Homework 5

Replicating Fearon and Laitin (2003)

Author

Your Name

In this homework assignment, we are going to be exploring the hugely influential article by Fearon and Laitin (2003) on civil war onset. Click here to view the original article and see Table 1 for the model that we will be replicating. See the file named fl_data_model1.csv in the assignment folder for the data we will be using for this exercise.

Load the Data

Load the data which is included in the “fl_data_model1.csv” file in the assignment folder.

The unit of analysis is the country-year.

Outcome Variable

  • onset - Whether a country-year experienced civil war onset (1 = yes, 0 = no)

Main Predictors

  • warl- Whether had a war ongoing in the previous year
  • gdpenl - GDP per capita (not logged)
  • lpopl1 - The log of population lagged by one year
  • lmtnest - The log of the percentage of country that has mountainous terrain
  • ncontig - An indicator for noncontiguous state
  • Oil - An indicator for whether the country is an oil exporter
  • nwstate - An indicator for whether a country was created in the last two years
  • instab - An indicator for whether the Polity score changes by 3 or more in a given year
  • polity2l - The Polity2 democracy score
  • ethfrac - Ethno-linguistic fractionalization index
  • relfrac - Religious fractionalization index

Replicate Model 1 from Fearon and Laitin (20%)

Run the first model (Model 1) from Table 1 of the Fearon and Laitin article. Use summary() to view the results. Interpret the coefficient on the Oil exporter variable. How much does being an oil exporter increase the risk of conflict onset?

Display the Results as a Coefficient Plot (20%)

Now use the modelplot() function from the modelsummary package to display the results as a coefficient plot.

When making your coefficient plot, start with the coefficient map. You might want to write it in the order that you’d like to see the coefficients displayed and then reverse it so that you can use the same map for your regression table below.

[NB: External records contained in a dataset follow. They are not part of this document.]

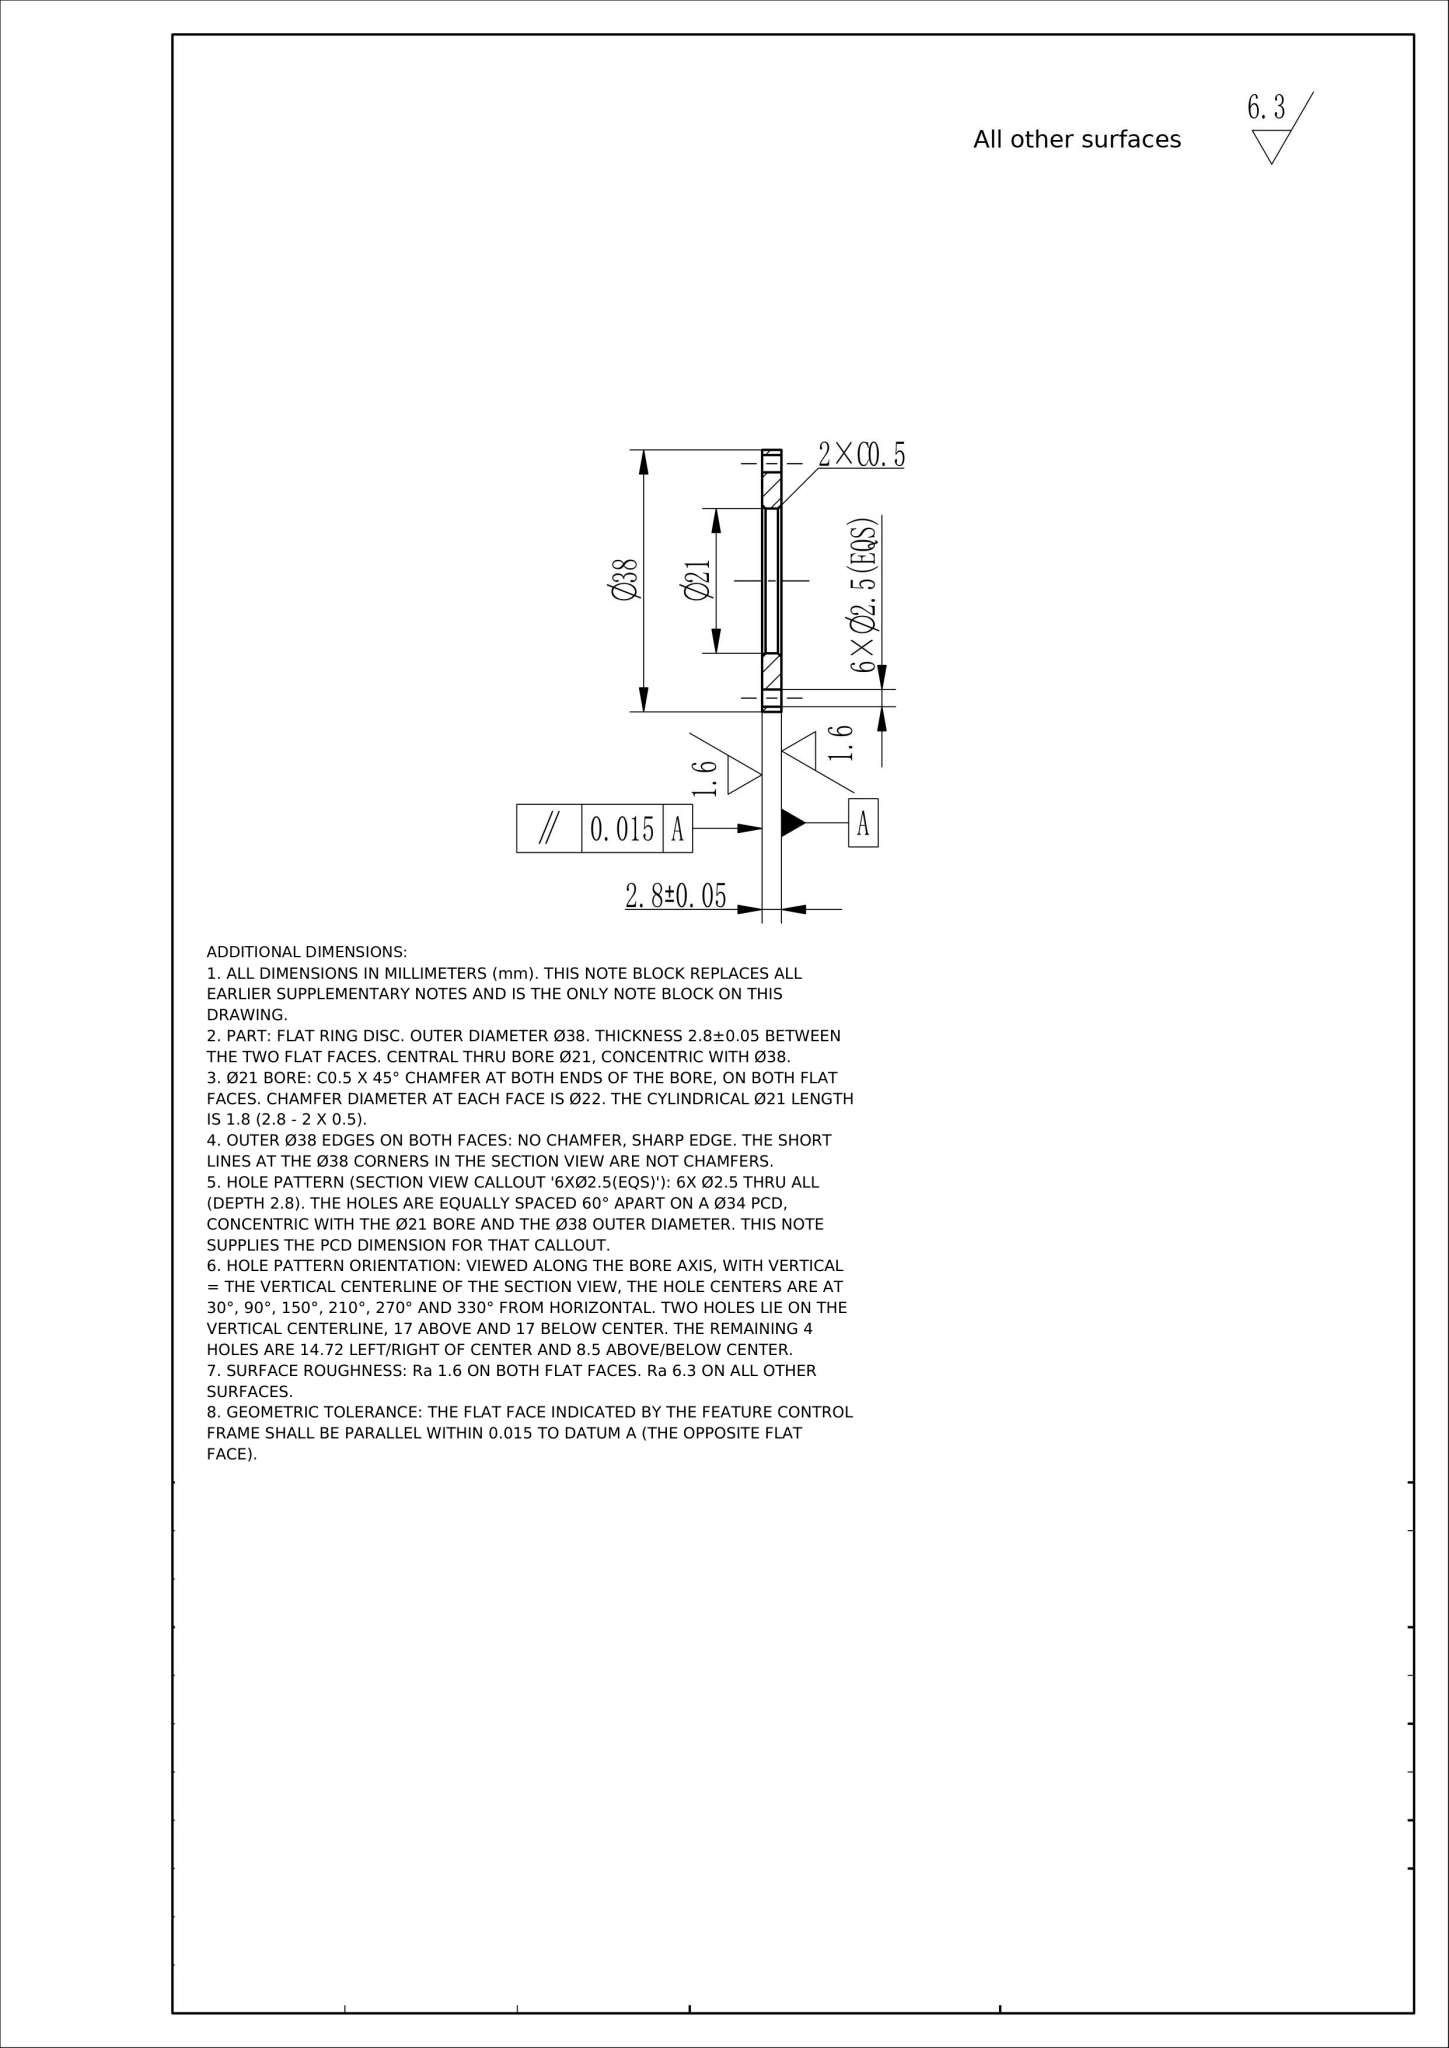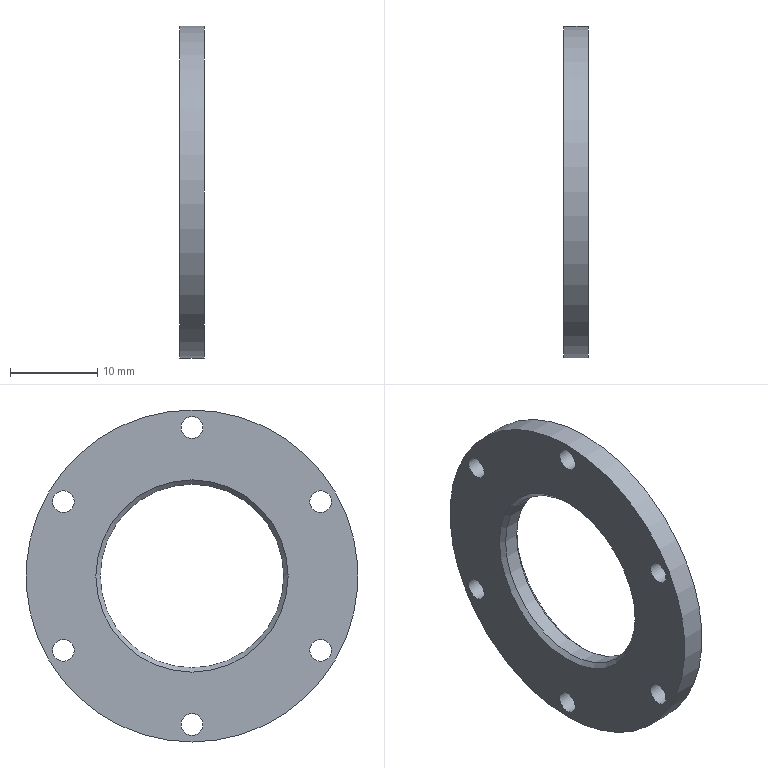Part | NX | mm | 1 solid | 12 faces | box 2.8 x 38 x 38 mm | volume 2106 mm3 | cylinder 8 | plane 2 | cone 2 | commonest cylinder face diameters 2.5 x6 38 x1 21 x1
STEP:
#1=CARTESIAN_POINT('',(0.,0.,0.));
#2=DIRECTION('',(0.,0.,1.));
#3=DIRECTION('',(1.,0.,0.));
#4=AXIS2_PLACEMENT_3D('',#1,#2,#3);
#5=(LENGTH_UNIT()NAMED_UNIT(*)SI_UNIT(.MILLI.,.METRE.));
#6=UNCERTAINTY_MEASURE_WITH_UNIT(LENGTH_MEASURE(0.00002),#5,'','');
#7=(NAMED_UNIT(*)PLANE_ANGLE_UNIT()SI_UNIT($,.RADIAN.));
#8=PLANE_ANGLE_MEASURE_WITH_UNIT(PLANE_ANGLE_MEASURE(0.01745),#7);
#9=DIMENSIONAL_EXPONENTS(0.,0.,0.,0.,0.,0.,0.);
#10=(CONVERSION_BASED_UNIT('',#8)NAMED_UNIT(#9)PLANE_ANGLE_UNIT());
#11=(NAMED_UNIT(*)SI_UNIT($,.STERADIAN.)SOLID_ANGLE_UNIT());
#12=(GEOMETRIC_REPRESENTATION_CONTEXT(3)GLOBAL_UNCERTAINTY_ASSIGNED_CONTEXT((#6))GLOBAL_UNIT_ASSIGNED_CONTEXT((#5,#10,#11))REPRESENTATION_CONTEXT('',''));
#13=SHAPE_REPRESENTATION('',(#4),#12);
#14=CARTESIAN_POINT('',(2.8,0.,-11.));
#15=VERTEX_POINT('',#14);
#16=CARTESIAN_POINT('',(2.8,0.,0.));
#17=DIRECTION('',(-1.,0.,0.));
#18=DIRECTION('',(0.,0.,-1.));
#19=AXIS2_PLACEMENT_3D('',#16,#17,#18);
#20=CIRCLE('',#19,11.);
#21=EDGE_CURVE('',#15,#15,#20,.T.);
#22=ORIENTED_EDGE('',*,*,#21,.T.);
#23=EDGE_LOOP('',(#22));
#24=FACE_BOUND('',#23,.T.);
#25=CARTESIAN_POINT('',(2.8,14.722,9.75));
#26=VERTEX_POINT('',#25);
#27=CARTESIAN_POINT('',(2.8,14.722,8.5));
#28=DIRECTION('',(-1.,0.,0.));
#29=DIRECTION('',(0.,0.,1.));
#30=AXIS2_PLACEMENT_3D('',#27,#28,#29);
#31=CIRCLE('',#30,1.25);
#32=EDGE_CURVE('',#26,#26,#31,.T.);
#33=ORIENTED_EDGE('',*,*,#32,.T.);
#34=EDGE_LOOP('',(#33));
#35=FACE_BOUND('',#34,.T.);
#36=CARTESIAN_POINT('',(2.8,14.722,-7.25));
#37=VERTEX_POINT('',#36);
#38=CARTESIAN_POINT('',(2.8,14.722,-8.5));
#39=DIRECTION('',(-1.,0.,0.));
#40=DIRECTION('',(0.,0.,1.));
#41=AXIS2_PLACEMENT_3D('',#38,#39,#40);
#42=CIRCLE('',#41,1.25);
#43=EDGE_CURVE('',#37,#37,#42,.T.);
#44=ORIENTED_EDGE('',*,*,#43,.T.);
#45=EDGE_LOOP('',(#44));
#46=FACE_BOUND('',#45,.T.);
#47=CARTESIAN_POINT('',(2.8,0.,-15.75));
#48=VERTEX_POINT('',#47);
#49=CARTESIAN_POINT('',(2.8,0.,-17.));
#50=DIRECTION('',(-1.,0.,0.));
#51=DIRECTION('',(0.,0.,1.));
#52=AXIS2_PLACEMENT_3D('',#49,#50,#51);
#53=CIRCLE('',#52,1.25);
#54=EDGE_CURVE('',#48,#48,#53,.T.);
#55=ORIENTED_EDGE('',*,*,#54,.T.);
#56=EDGE_LOOP('',(#55));
#57=FACE_BOUND('',#56,.T.);
#58=CARTESIAN_POINT('',(2.8,-14.722,-7.25));
#59=VERTEX_POINT('',#58);
#60=CARTESIAN_POINT('',(2.8,-14.722,-8.5));
#61=DIRECTION('',(-1.,0.,0.));
#62=DIRECTION('',(0.,0.,1.));
#63=AXIS2_PLACEMENT_3D('',#60,#61,#62);
#64=CIRCLE('',#63,1.25);
#65=EDGE_CURVE('',#59,#59,#64,.T.);
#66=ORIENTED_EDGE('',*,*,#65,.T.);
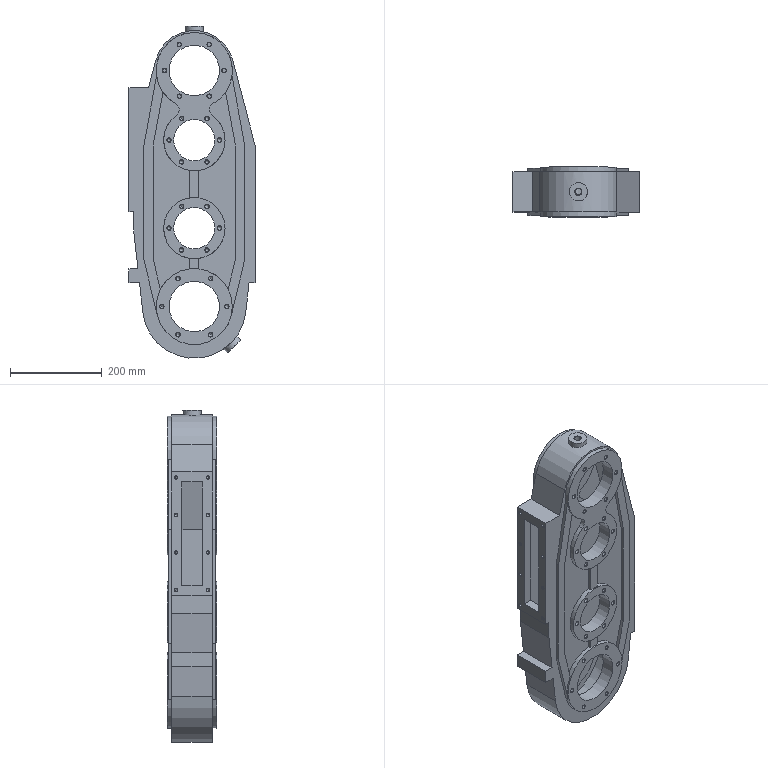Component | NX | SIDE_HOUSING | 1 solid | 308 faces | volume 5560283 mm3 | plane 112 | cylinder 98 | cone 96 | spline 2 | commonest cylinder face diameters 8.5 x48 166 x10 30.14 x8 134 x8 6.8 x8 90 x4 110 x4 40 x2

Be sure to load the modelsummary and ggplot2 packages before you get started with the rest of your code.

Interpret the results. Which predictor has largest positive effect on the probability of conflict onset? Which one has the strongest negative effect?

Create a Regression Table (20%)

Do stepwise regressions with different categories of regressors based on the same model to see how things change as you put different sets of variables into the model. Show the results of your models in separate columns in a regression table.

Step one: Run your glm() models and store them as objects. Here you might want to summarize them with summary() or tidy() from the broom package as you go along.

Step two: Save your models as a list and set up your caption and reference note.

Step three: Call modelsummary to display the table as a gt object.

Step four: Briefly interpret your results. What changes as you add different categories of variables to the model? Do any results become significant that were not significant before?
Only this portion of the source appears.